Questa primissima parte di gara è molto difficile per Sebastian Vettel, che, con le gomme dure, non riesce a reggere il ritmo delle due McLaren che gli stanno davanti, né quello di Bottas che arriva di gran carriera alle sue spalle. Il tedesco si ferma ai box a montare le gomme medie già all’11esimo giro e rientra in pista nella parte bassa della zona punti, in nona posizione. Il suo ritmo, però, migliora in maniera decisa: riesce a sbarazzarsi con relativa facilità della Force India di Nico Hulkenberg e, successivamente, anche di Kevin Magnussen, che passa all’esterno dopo un ben duello.

Sebastian Vettel, complici i pit stop altrui, risale fino alla seconda posizione e si ferma ai box per montare un nuovo treno di gomme medie al 34esimo giro. Qui comincia la fase più viva della sua gara: il tedesco rientra quinto davanti a Fernando Alonso, che, approfittando delle sue gomme fredde, lo ripassa quasi subito. Comincia un duello serratissimo, fatto di continui agguati e team radio al vetriolo con accuse reciproche (Vettel lamenta pretestuosamente che Alonso non lascia sufficiente spazio per la traiettoria; Alonso millanta che Vettel si avvantaggia nei suoi confronti andando fuori dalla linea del tracciato), in cui il campione del mondo in carica non concede all’avversario più di mezzo secondo di vantaggio. Questo testa a testa dal sapore rusticano si conclude soltanto al 47esimo giro, quando il pilota Red Bull trova lo spunto giusto e, dopo tre lunghissime curve di ruota a ruota, si porta finalmente a casa la quinta posizione.

La gara di Daniel Ricciardo è molto diversa. Alla seconda partenza l’Aussie poco può contro gli arrembaggi di Valtteri Bottas e Fernando Alonso, che viaggiano a un ritmo molto più elevato, e si incaglia dietro Nico Hulkenberg, imprendibile su rettilineo. Il sorpasso sul tedesco della Force India gli riesce di prepotenza al giro 9, all’esterno.

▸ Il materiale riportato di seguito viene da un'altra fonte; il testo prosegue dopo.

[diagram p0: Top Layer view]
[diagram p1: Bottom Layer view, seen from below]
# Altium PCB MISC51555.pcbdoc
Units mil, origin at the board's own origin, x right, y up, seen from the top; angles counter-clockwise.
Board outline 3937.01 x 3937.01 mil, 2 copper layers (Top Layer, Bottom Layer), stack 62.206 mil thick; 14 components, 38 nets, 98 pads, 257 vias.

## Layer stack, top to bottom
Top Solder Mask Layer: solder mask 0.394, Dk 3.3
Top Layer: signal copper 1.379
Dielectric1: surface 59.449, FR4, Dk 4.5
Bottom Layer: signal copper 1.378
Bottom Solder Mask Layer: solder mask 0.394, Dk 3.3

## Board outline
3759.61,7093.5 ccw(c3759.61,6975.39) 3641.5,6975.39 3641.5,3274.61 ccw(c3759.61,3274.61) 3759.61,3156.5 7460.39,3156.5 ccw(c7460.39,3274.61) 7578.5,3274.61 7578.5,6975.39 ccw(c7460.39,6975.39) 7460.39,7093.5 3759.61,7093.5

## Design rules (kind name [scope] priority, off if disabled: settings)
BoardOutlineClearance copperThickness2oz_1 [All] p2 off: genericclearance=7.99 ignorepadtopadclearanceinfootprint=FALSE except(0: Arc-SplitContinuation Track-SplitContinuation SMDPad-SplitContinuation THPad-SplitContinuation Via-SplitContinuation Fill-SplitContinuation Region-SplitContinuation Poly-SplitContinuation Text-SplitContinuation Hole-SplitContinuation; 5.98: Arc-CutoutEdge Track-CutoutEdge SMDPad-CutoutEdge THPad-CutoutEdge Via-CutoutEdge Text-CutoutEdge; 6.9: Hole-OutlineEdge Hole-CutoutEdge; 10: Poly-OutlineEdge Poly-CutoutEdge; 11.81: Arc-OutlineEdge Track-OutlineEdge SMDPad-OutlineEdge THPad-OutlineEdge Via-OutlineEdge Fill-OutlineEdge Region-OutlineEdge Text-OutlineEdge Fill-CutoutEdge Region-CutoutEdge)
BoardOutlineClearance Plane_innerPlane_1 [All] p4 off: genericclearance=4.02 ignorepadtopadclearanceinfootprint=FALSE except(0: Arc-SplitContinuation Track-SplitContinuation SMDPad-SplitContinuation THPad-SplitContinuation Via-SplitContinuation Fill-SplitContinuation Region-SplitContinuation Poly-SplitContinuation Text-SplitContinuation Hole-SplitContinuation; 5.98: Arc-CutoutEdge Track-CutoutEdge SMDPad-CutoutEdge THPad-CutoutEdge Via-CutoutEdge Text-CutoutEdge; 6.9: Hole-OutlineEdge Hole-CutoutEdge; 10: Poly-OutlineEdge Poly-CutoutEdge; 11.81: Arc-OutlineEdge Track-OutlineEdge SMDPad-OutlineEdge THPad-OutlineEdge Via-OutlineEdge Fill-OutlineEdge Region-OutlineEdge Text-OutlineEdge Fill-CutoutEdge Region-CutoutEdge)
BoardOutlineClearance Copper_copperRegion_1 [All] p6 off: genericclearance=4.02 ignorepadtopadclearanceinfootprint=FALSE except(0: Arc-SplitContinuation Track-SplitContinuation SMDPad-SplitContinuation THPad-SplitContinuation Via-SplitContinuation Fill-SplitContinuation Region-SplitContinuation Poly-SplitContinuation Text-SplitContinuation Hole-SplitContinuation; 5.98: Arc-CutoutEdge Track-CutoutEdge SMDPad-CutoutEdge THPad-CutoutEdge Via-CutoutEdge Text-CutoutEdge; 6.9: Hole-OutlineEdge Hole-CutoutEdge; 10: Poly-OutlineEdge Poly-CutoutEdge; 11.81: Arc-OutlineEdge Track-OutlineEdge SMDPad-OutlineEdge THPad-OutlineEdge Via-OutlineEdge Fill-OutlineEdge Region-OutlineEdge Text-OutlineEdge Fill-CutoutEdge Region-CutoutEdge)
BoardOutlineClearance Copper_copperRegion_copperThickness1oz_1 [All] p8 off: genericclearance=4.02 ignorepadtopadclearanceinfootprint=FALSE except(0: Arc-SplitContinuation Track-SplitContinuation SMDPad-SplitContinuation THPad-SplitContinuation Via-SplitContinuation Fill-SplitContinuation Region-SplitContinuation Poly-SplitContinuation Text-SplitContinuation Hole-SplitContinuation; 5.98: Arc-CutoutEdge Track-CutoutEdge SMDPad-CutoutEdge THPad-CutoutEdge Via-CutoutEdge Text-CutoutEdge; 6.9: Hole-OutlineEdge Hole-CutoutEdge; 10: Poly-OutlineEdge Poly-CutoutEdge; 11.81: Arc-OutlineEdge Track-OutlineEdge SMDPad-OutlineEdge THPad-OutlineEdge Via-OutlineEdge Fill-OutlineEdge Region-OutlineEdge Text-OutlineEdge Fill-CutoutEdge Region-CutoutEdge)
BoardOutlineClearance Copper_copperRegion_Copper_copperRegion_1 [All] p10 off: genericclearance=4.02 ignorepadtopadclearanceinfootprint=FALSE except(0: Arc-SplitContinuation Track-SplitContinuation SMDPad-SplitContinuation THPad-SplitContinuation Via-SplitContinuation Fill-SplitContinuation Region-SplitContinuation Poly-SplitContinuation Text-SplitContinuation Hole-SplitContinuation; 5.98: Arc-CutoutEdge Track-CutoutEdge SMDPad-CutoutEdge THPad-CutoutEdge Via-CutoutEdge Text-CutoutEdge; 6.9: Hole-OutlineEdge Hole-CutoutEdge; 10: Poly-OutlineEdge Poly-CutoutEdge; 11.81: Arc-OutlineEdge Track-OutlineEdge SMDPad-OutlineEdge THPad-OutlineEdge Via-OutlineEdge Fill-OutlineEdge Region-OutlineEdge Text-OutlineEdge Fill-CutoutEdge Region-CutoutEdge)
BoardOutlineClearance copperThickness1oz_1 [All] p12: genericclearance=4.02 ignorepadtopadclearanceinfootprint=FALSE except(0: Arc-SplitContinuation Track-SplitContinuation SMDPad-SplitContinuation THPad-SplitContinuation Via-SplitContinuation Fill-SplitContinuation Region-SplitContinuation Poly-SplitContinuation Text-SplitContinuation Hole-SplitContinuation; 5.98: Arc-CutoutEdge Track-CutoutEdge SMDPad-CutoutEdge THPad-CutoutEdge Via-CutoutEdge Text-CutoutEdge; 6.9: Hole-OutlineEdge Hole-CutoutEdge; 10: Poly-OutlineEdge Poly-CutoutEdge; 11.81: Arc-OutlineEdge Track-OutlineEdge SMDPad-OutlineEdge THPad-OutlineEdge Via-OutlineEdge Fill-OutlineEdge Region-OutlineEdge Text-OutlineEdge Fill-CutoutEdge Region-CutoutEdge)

Ricciardo si ferma per il suo cambio di pneumatici al 16esimo giro e, con gomme medie fresche, rientra decimo. Si sbarazza con relativa facilità di Adrian Sutil e, nuovamente, di Nico Hulkenberg, e a questo punto entra in modalità “gestione”. Il ritiro di Rosberg lo porta in zona podio ed è intorno al 32esimo giro che l’australiano valuta con il suo box l’idea di andare fino in fondo con il treno di gomme montato 16 giri prima. L’azzardo riesce, ma le ultime tornate sono un’immane sofferenza: le prestazioni della RB10 crollano e il ritorno di Jenson Button è minaccioso.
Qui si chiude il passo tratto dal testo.